Eski Datça Muhtarı Rıdvan Çevik: ‘’Eski Datça Mahallesi Hak Ettiği Değere Kavuşmalı’’

SÖYLEŞİ / MEHMET ERDAL


ESKİ DATÇA'NIN DÜNÜ VE BUGÜNÜ ÇOK FARKLI

Seni tanıyabilir miyiz?

“Doğma büyüme bu mahalledeyim ve mahalleme hizmet için elimden geleni yapma çabası içerisineyim’’
Bugün bu mahallede gördüklerim, Datça'ya ilk adım attığım yıllarda (1994 Eylülü ve sonrası) gördüklerim ile uyuşmuyor. Sanırım, Eski Datça'da çok sayıda mülk el değiştirdi. Eski yerleşik yurttaşlar bu mahalleyi terk ettiler.
“Burada oturan çok sayıda yurttaş İskele Mahallesi'ne ya da bir başka mahalleye göç etti. Bunların %70-80'i mülk sahibi olanlardı. Bugün bu mahallede yaşayan eski yurttaşların sayısı geçmişteki sayıya göre çok azdır.”

ESKİ DATÇA MAHALLESİNDE MUHTARLIK YAPMAK OLDUKÇA ZOR

Datça dışından gelen hali vakti yerindeki yurttaşlar eskiden şu an Datça Belediyesi'nin bulunduğu yerden başlayan ve Kargı Koyu'na doğru giden çevre yolunun üst kısımlarına filan yerleşirlerdi. O nedenle oralardaki arsaların ve evlerin fiyatları diğer yerlere göre çok daha yukarıda olurdu. Şimdilerde ise Eski Datça ile kısmen Emecik köyünün içine gelip yerleşiyorlar. Haliyle Eski Datça, bugün ağırlıkla ekonomik anlamda ekabirlerin yaşadığı bir mahalle. Böyle bir mahallede muhtarlık yapmak nasıl bir şey?
“Eski Datça Mahallesinde muhtarlık, herhalde diğer mahallelere göre daha zor. Örneğin, Hızırşah Mahallesinde bir kişiye hitap ettiğinizde onun çevresindeki 20, hatta 50 kişilik bir akraba çevresine de hitap etmiş oluyorsunuz. Eski Datça'da ise kimse kimsenin akrabası değil. Burada çok az bir yerli halk, çok az bir Kürt halk ve beraberinde örneğin Marmara'dan emekliliğini kazanmış, ekonomik seviyesi yüksek ama birbirleriyle akrabalık ilişkisi olmayan insanların gelip yerleştiği bir toplum durumu söz konusu. Muhatap olduğum her birey, bir birey oluyor.
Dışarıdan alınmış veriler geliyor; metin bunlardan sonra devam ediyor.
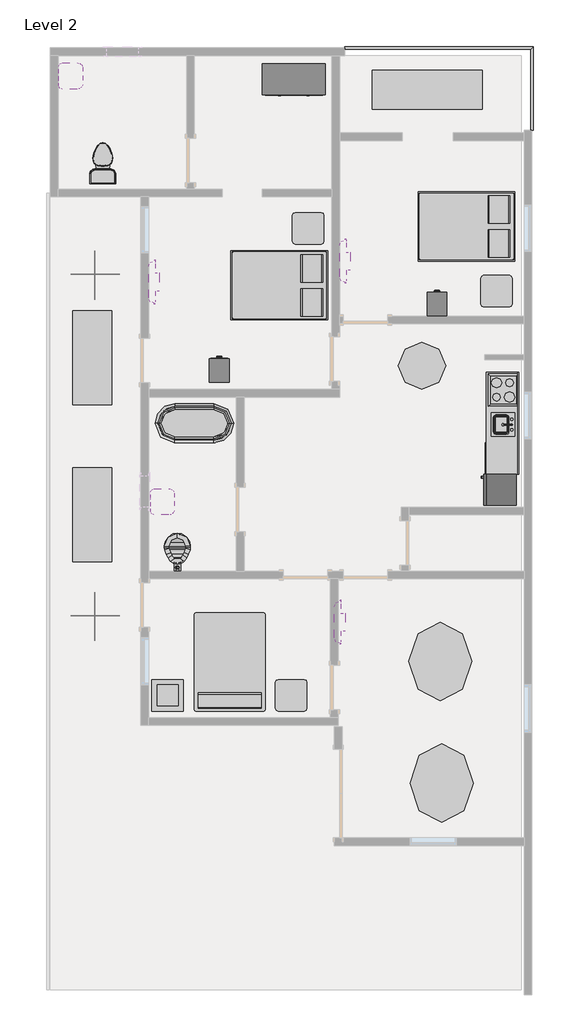
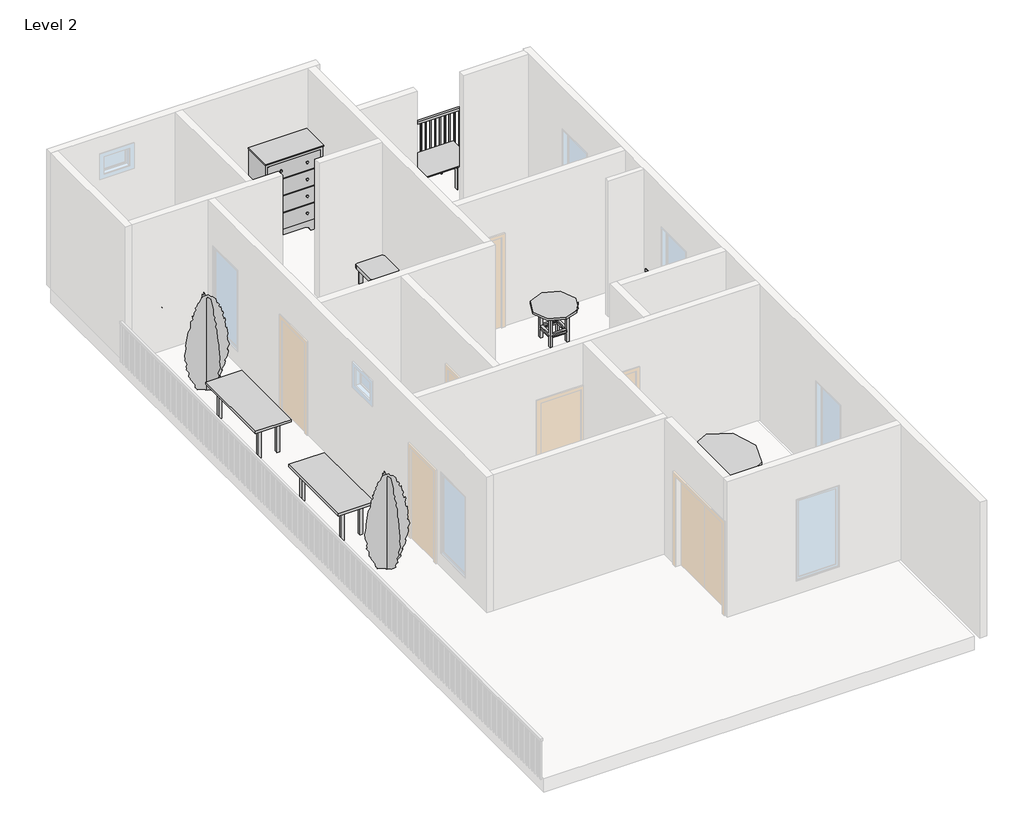
# One storey, part 4 of 4: 20 furniture elements, 6 flow terminals, 4 proxies, 2 geographic elements, 1 railing.
"""IFC4 building model written with IfcOpenShell, lengths in millimetres."""

from ifc_helpers import new_model, si_unit, frame, origin, place, context, project, spatial, polyline, outline, extrude, faceted_brep, transform, mapped, element, save
from components import proxy_a6faaae8, proxy_45b28599, kitchenette_medium_kitchenette_medium_844211aa, proxy_c523a7b7, flow_terminal_871c2e40, flow_terminal_62a433f7, flow_terminal_6d55091a, toilet_domestic_3d_toilet_domestic_3d_f7549cf7, toilet_domestic_3d_toilet_domestic_3d_183bbd19, flow_terminal_b374fae2, furniture_0810mm_56245f3a, furniture_c8abb964, furniture_0253826f, furniture_b1353b55, furniture_c6510c7c, furniture_9fa109b2, furniture_b5c51a22, furniture_92191dda, furniture_905aceb5, furniture_743965d2, furniture_bcf351fa, furniture_a5b052b6, rpc_tree_conifer_0001_chinese_juniper_7_1b9786cd

model = new_model("IFC4")

# Units and contexts
model_context = context("Model", 3, world=origin())
ifc_project = project(units=[si_unit("LENGTHUNIT", "METRE", prefix="MILLI")], contexts=[model_context])

# Site, building, storey
site = spatial("IfcSite", under=ifc_project)
building = spatial("IfcBuilding", under=site)
storey = spatial("IfcBuildingStorey", under=building, Name="Level 2", Elevation=3048.0)

# Proxies
placement = place(None, origin())
proxy_shape = proxy_a6faaae8(model_context)
element("IfcBuildingElementProxy", 1, Name="Cook Top-4 Unit2 : 22\" x 20\"", ObjectType="Cook Top-4 Unit2 : 22\" x 20\"", at=placement, inside=storey, context=model_context, shape_type="MappedRepresentation", body=[
    mapped(proxy_shape, transform((-3246.660887, 7038.0910469, 3048.0), x_axis=(0.0, -1.0, 0.0), y_axis=(1.0, 0.0, 0.0), z_axis=(0.0, 0.0, 1.0))),
])
proxy_2_shape = proxy_45b28599(model_context)
element("IfcBuildingElementProxy", 2, Name="Dishwasher : 24\" x 24\" x 34\"", ObjectType="Dishwasher : 24\" x 24\" x 34\"", at=placement, inside=storey, context=model_context, shape_type="MappedRepresentation", body=[
    mapped(proxy_2_shape, transform((-3538.5104518, 6086.9085154, 3048.0), x_axis=(0.0, -1.0, 0.0), y_axis=(1.0, 0.0, 0.0), z_axis=(0.0, 0.0, 1.0))),
])
kitchenette_medium_kitchenette_medium_shape = kitchenette_medium_kitchenette_medium_844211aa(model_context)
element("IfcBuildingElementProxy", 3, Name="Kitchenette - Medium : Kitchenette - Medium", ObjectType="Kitchenette - Medium : Kitchenette - Medium", at=placement, inside=storey, context=model_context, shape_type="MappedRepresentation", body=[
    mapped(kitchenette_medium_kitchenette_medium_shape, transform((-2941.860887, 6713.9287518, 3048.0), x_axis=(0.0, -1.0, 0.0), y_axis=(1.0, 0.0, 0.0), z_axis=(0.0, 0.0, 1.0))),
])
proxy_3_shape = proxy_c523a7b7(model_context)
element("IfcBuildingElementProxy", 4, Name="Refrigerator : 24\" x 25\" LH", ObjectType="Refrigerator : 24\" x 25\" LH", at=placement, inside=storey, context=model_context, shape_type="MappedRepresentation", body=[
    mapped(proxy_3_shape, transform((-3292.3098585, 5101.3410469, 3048.0), x_axis=(0.0, -1.0, 0.0), y_axis=(1.0, 0.0, 0.0), z_axis=(0.0, 0.0, 1.0))),
])

# Flow terminals
flow_terminal_shape = flow_terminal_871c2e40(model_context)
element("IfcFlowTerminal", 5, ObjectType="Sink Kitchen-Island : 18\" x 18\"", at=placement, inside=storey, context=model_context, shape_type="MappedRepresentation", body=[
    mapped(flow_terminal_shape, transform((-3249.0062881, 6380.6802875, 3033.6), x_axis=(0.0, -1.0, 0.0), y_axis=(1.0, 0.0, 0.0), z_axis=(0.0, 0.0, 1.0))),
])
flow_terminal_2_shape = flow_terminal_62a433f7(model_context)
element("IfcFlowTerminal", 6, ObjectType="Sink Vanity-Square : 20\" x 18\"", at=placement, inside=storey, context=model_context, shape_type="MappedRepresentation", body=[
    mapped(flow_terminal_2_shape, transform((-11689.8154859, 13118.4018063, 3962.4), x_axis=(0.0, 1.0000000000000002, 0.0), y_axis=(-1.0000000000000002, 0.0, 0.0), z_axis=(0.0, 0.0, 1.0))),
])
element("IfcFlowTerminal", 7, ObjectType="Sink Vanity-Square : 20\" x 18\"", at=placement, inside=storey, context=model_context, shape_type="MappedRepresentation", body=[
    mapped(flow_terminal_2_shape, transform((-9911.8154859, 4850.7018063, 3962.4), x_axis=(0.0, 1.0000000000000002, 0.0), y_axis=(-1.0000000000000002, 0.0, 0.0), z_axis=(0.0, 0.0, 1.0))),
])
flow_terminal_3_shape = flow_terminal_6d55091a(model_context)
element("IfcFlowTerminal", 8, ObjectType="Toilet-Commercial-Wall-3D : 15\" Seat Height", at=placement, inside=storey, context=model_context, shape_type="MappedRepresentation", body=[
    mapped(flow_terminal_3_shape, transform((-9976.1640408, 3443.9910469, 3048.0), x_axis=(1.0, 0.0, 0.0), y_axis=(0.0, 1.0, 0.0), z_axis=(0.0, 0.0, 1.0))),
])
toilet_domestic_3d_toilet_domestic_3d_shape = toilet_domestic_3d_toilet_domestic_3d_f7549cf7(model_context)
toilet_domestic_3d_toilet_domestic_3d_2_shape = toilet_domestic_3d_toilet_domestic_3d_183bbd19(model_context)
element("IfcFlowTerminal", 9, ObjectType="Toilet-Domestic-3D : Toilet-Domestic-3D", at=placement, inside=storey, context=model_context, shape_type="MappedRepresentation", body=[
    mapped(toilet_domestic_3d_toilet_domestic_3d_shape, transform((-11019.060887, 11533.2870743, 3048.0), x_axis=(-1.0000000000000004, 0.0, 0.0), y_axis=(0.0, -1.0000000000000004, 0.0), z_axis=(0.0, 0.0, 1.0))),
    mapped(toilet_domestic_3d_toilet_domestic_3d_2_shape, transform((-11019.060887, 11533.2870743, 3048.0), x_axis=(-1.0000000000000004, 0.0, 0.0), y_axis=(0.0, -1.0000000000000004, 0.0), z_axis=(0.0, 0.0, 1.0))),
])
flow_terminal_4_shape = flow_terminal_b374fae2(model_context)
element("IfcFlowTerminal", 10, ObjectType="Tub-Free Standing-3D : 30\" x 60\"", at=placement, inside=storey, context=model_context, shape_type="MappedRepresentation", body=[
    mapped(flow_terminal_4_shape, transform((-9241.060887, 6390.3910469, 3048.0), x_axis=(0.0, 1.0, 0.0), y_axis=(-1.0, 0.0, 0.0), z_axis=(0.0, 0.0, 1.0))),
])

# Furniture
furniture_0810mm_shape = furniture_0810mm_56245f3a(model_context)
element("IfcFurniture", 11, ObjectType="0810mm", at=placement, inside=storey, context=model_context, shape_type="MappedRepresentation", body=[
    mapped(furniture_0810mm_shape, transform((-6464.7222634, 2533.535561, 4267.2), x_axis=(0.0, 0.9999999999999998, 0.0), y_axis=(-0.9999999999999998, 0.0, 0.0), z_axis=(0.0, 0.0, 1.0))),
])
element("IfcFurniture", 12, ObjectType="0810mm", at=placement, inside=storey, context=model_context, shape_type="MappedRepresentation", body=[
    mapped(furniture_0810mm_shape, transform((-10071.5222634, 9137.535561, 4267.2), x_axis=(0.0, 0.9999999999999998, 0.0), y_axis=(-0.9999999999999998, 0.0, 0.0), z_axis=(0.0, 0.0, 1.0))),
])
element("IfcFurniture", 13, ObjectType="0810mm", at=placement, inside=storey, context=model_context, shape_type="MappedRepresentation", body=[
    mapped(furniture_0810mm_shape, transform((-6363.1222634, 9543.935561, 4267.2), x_axis=(0.0, 0.9999999999999998, 0.0), y_axis=(-0.9999999999999998, 0.0, 0.0), z_axis=(0.0, 0.0, 1.0))),
])
furniture_shape = furniture_c8abb964(model_context)
element("IfcFurniture", 14, ObjectType="Bed-Box : Double 53\" x 74\"", at=placement, inside=storey, context=model_context, shape_type="MappedRepresentation", body=[
    mapped(furniture_shape, transform((-7355.6313788, 9409.2435059, 3048.0), x_axis=(0.0, -1.0, 0.0), y_axis=(1.0, 0.0, 0.0), z_axis=(0.0, 0.0, 1.0))),
])
element("IfcFurniture", 15, ObjectType="Bed-Box : Double 53\" x 74\"", at=placement, inside=storey, context=model_context, shape_type="MappedRepresentation", body=[
    mapped(furniture_shape, transform((-3723.4313788, 10552.2435059, 3048.0), x_axis=(0.0, -1.0, 0.0), y_axis=(1.0, 0.0, 0.0), z_axis=(0.0, 0.0, 1.0))),
])
furniture_2_shape = furniture_0253826f(model_context)
element("IfcFurniture", 16, ObjectType="Bed-Standard : Double 54\" x 75\"", at=placement, inside=storey, context=model_context, shape_type="MappedRepresentation", body=[
    mapped(furniture_2_shape, transform((-8283.7723624, 1709.2959649, 3048.0), x_axis=(-1.0, 0.0, 0.0), y_axis=(0.0, -1.0, 0.0), z_axis=(0.0, 0.0, 1.0))),
])
furniture_3_shape = furniture_b1353b55(model_context)
element("IfcFurniture", 17, ObjectType="Cabinet-File 4 Drawer : 15\" x 18\"", at=placement, inside=storey, context=model_context, shape_type="MappedRepresentation", body=[
    mapped(furniture_3_shape, transform((-8886.3573341, 7276.9567468, 3048.0), x_axis=(-1.0000000000000007, 0.0, 0.0), y_axis=(0.0, -1.0000000000000007, 0.0), z_axis=(0.0, 0.0, 1.0))),
])
element("IfcFurniture", 18, ObjectType="Cabinet-File 4 Drawer : 15\" x 18\"", at=placement, inside=storey, context=model_context, shape_type="MappedRepresentation", body=[
    mapped(furniture_3_shape, transform((-4657.2573341, 8559.6567468, 3048.0), x_axis=(-1.0000000000000004, 0.0, 0.0), y_axis=(0.0, -1.0000000000000004, 0.0), z_axis=(0.0, 0.0, 1.0))),
])
furniture_4_shape = furniture_c6510c7c(model_context)
element("IfcFurniture", 19, ObjectType="Counter Top w Sink Hole : 24\" Depth", at=placement, inside=storey, context=model_context, shape_type="MappedRepresentation", body=[
    mapped(furniture_4_shape, transform((-2941.860887, 6180.5287518, 3033.6), x_axis=(0.0, -1.0, 0.0), y_axis=(1.0, 0.0, 0.0), z_axis=(0.0, 0.0, 1.0))),
])
furniture_5_shape = furniture_9fa109b2(model_context)
element("IfcFurniture", 20, ObjectType="Dresser : 48\" x 72\" x 24\"", at=placement, inside=storey, context=model_context, shape_type="MappedRepresentation", body=[
    mapped(furniture_5_shape, transform((-7041.4676272, 13433.754001, 3048.0), x_axis=(1.0, 0.0, 0.0), y_axis=(0.0, 1.0, 0.0), z_axis=(0.0, 0.0, 1.0))),
])
furniture_6_shape = furniture_b5c51a22(model_context)
element("IfcFurniture", 21, ObjectType="Table-Coffee : 24\" x 24\" x 24\"", at=placement, inside=storey, context=model_context, shape_type="MappedRepresentation", body=[
    mapped(furniture_6_shape, transform((-9780.0266537, 1011.9799691, 3048.0), x_axis=(1.0, 0.0, 0.0), y_axis=(0.0, 1.0, 0.0), z_axis=(0.0, 0.0, 1.0))),
])
furniture_7_shape = furniture_92191dda(model_context)
element("IfcFurniture", 22, ObjectType="Table-Dining : 30\" x 84\" x 22\"", at=placement, inside=storey, context=model_context, shape_type="MappedRepresentation", body=[
    mapped(furniture_7_shape, transform((-4738.1266537, 12772.1799691, 3048.0), x_axis=(1.0, 0.0, 0.0), y_axis=(0.0, 1.0, 0.0), z_axis=(0.0, 0.0, 1.0))),
])
furniture_8_shape = furniture_905aceb5(model_context)
element("IfcFurniture", 23, ObjectType="Table-Dining Round w Chairs : 36\" Diameter", at=placement, inside=storey, context=model_context, shape_type="MappedRepresentation", body=[
    mapped(furniture_8_shape, transform((-4925.1428542, 7692.8697354, 3048.0), x_axis=(1.0, 0.0, 0.0), y_axis=(0.0, 1.0, 0.0), z_axis=(0.0, 0.0, 1.0))),
])
furniture_9_shape = furniture_743965d2(model_context)
element("IfcFurniture", 24, ObjectType="Table-Ellipse : 60\" x 48\"", at=placement, inside=storey, context=model_context, shape_type="MappedRepresentation", body=[
    mapped(furniture_9_shape, transform((-4465.860887, 1767.5910469, 3048.0), x_axis=(0.0, 1.0000000000000002, 0.0), y_axis=(-1.0000000000000002, 0.0, 0.0), z_axis=(0.0, 0.0, 1.0))),
])
element("IfcFurniture", 25, ObjectType="Table-Ellipse : 60\" x 48\"", at=placement, inside=storey, context=model_context, shape_type="MappedRepresentation", body=[
    mapped(furniture_9_shape, transform((-4440.460887, -594.6089531, 3048.0), x_axis=(0.0, 1.0000000000000002, 0.0), y_axis=(-1.0000000000000002, 0.0, 0.0), z_axis=(0.0, 0.0, 1.0))),
])
furniture_10_shape = furniture_bcf351fa(model_context)
element("IfcFurniture", 26, ObjectType="Table-End : 24\" x 24\"", at=placement, inside=storey, context=model_context, shape_type="MappedRepresentation", body=[
    mapped(furniture_10_shape, transform((-3682.1945173, 8803.3910469, 3048.0), x_axis=(1.0, 0.0, 0.0), y_axis=(0.0, 1.0, 0.0), z_axis=(0.0, 0.0, 1.0))),
])
element("IfcFurniture", 27, ObjectType="Table-End : 24\" x 24\"", at=placement, inside=storey, context=model_context, shape_type="MappedRepresentation", body=[
    mapped(furniture_10_shape, transform((-7339.7945173, 10022.5910469, 3048.0), x_axis=(1.0, 0.0, 0.0), y_axis=(0.0, 1.0, 0.0), z_axis=(0.0, 0.0, 1.0))),
])
element("IfcFurniture", 28, ObjectType="Table-End : 24\" x 24\"", at=placement, inside=storey, context=model_context, shape_type="MappedRepresentation", body=[
    mapped(furniture_10_shape, transform((-7669.9945173, 954.7910469, 3048.0), x_axis=(1.0, 0.0, 0.0), y_axis=(0.0, 1.0, 0.0), z_axis=(0.0, 0.0, 1.0))),
])
furniture_11_shape = furniture_a5b052b6(model_context)
element("IfcFurniture", 29, ObjectType="Table-Rectangular : 72\" x 30\"", at=placement, inside=storey, context=model_context, shape_type="MappedRepresentation", body=[
    mapped(furniture_11_shape, transform((-11222.260887, 7660.3910469, 3048.0), x_axis=(0.0, 1.0, 0.0), y_axis=(-1.0, 0.0, 0.0), z_axis=(0.0, 0.0, 1.0))),
])
element("IfcFurniture", 30, ObjectType="Table-Rectangular : 72\" x 30\"", at=placement, inside=storey, context=model_context, shape_type="MappedRepresentation", body=[
    mapped(furniture_11_shape, transform((-11222.260887, 4612.3910469, 3048.0), x_axis=(0.0, 1.0000000000000002, 0.0), y_axis=(-1.0000000000000002, 0.0, 0.0), z_axis=(0.0, 0.0, 1.0))),
])

# Geographic elements
rpc_tree_conifer_0001_chinese_juniper_7_shape = rpc_tree_conifer_0001_chinese_juniper_7_1b9786cd(model_context)
element("IfcGeographicElement", 31, ObjectType="RPC Tree - Conifer.0001 : Chinese Juniper - 7'", at=placement, inside=storey, context=model_context, shape_type="MappedRepresentation", body=[
    mapped(rpc_tree_conifer_0001_chinese_juniper_7_shape, transform((-11171.6575581, 9285.9910469, 3048.0), x_axis=(1.0, 0.0, 0.0), y_axis=(0.0, 1.0, 0.0), z_axis=(0.0, 0.0, 1.0))),
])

Çok kozmopolit, çok karmaşık bir mahallede yaşıyoruz.

Mahallemizde yaşayanlar, eskiye oranla, birbirlerini çok daha az tanıyorlar. Bu nedenle, pandemiden hemen sonra, mahallemizde 'tanışma-kaynaşma günü' adı altında bir etkinlik düzenledik. Düzenlediğimiz bu etkinlikte mahallelinin ortak sofrasını kurduk; herkes evinden getirdiği yiyeceği içeceği bu ortak sofrada paylaşarak tanışıp kaynaşma, komşu olabilme anlamında mahalle sorunlarına değinebilme adına bir birliktelik sağlama çabasına girdik. Tahminen 300-350 kişi geldi. Yer, girişteki Milli Eğitim Müdürlüğü'nün bahçesi idi. O gün kısa bir canlı müzik etkinliği, Eski Datça'nın tarihine yönelik bir söyleşiyi yerel tarihçilerin yanı sıra Numan Tuna hocanın katkılarıyla yaptık. Çok yararlı oldu.”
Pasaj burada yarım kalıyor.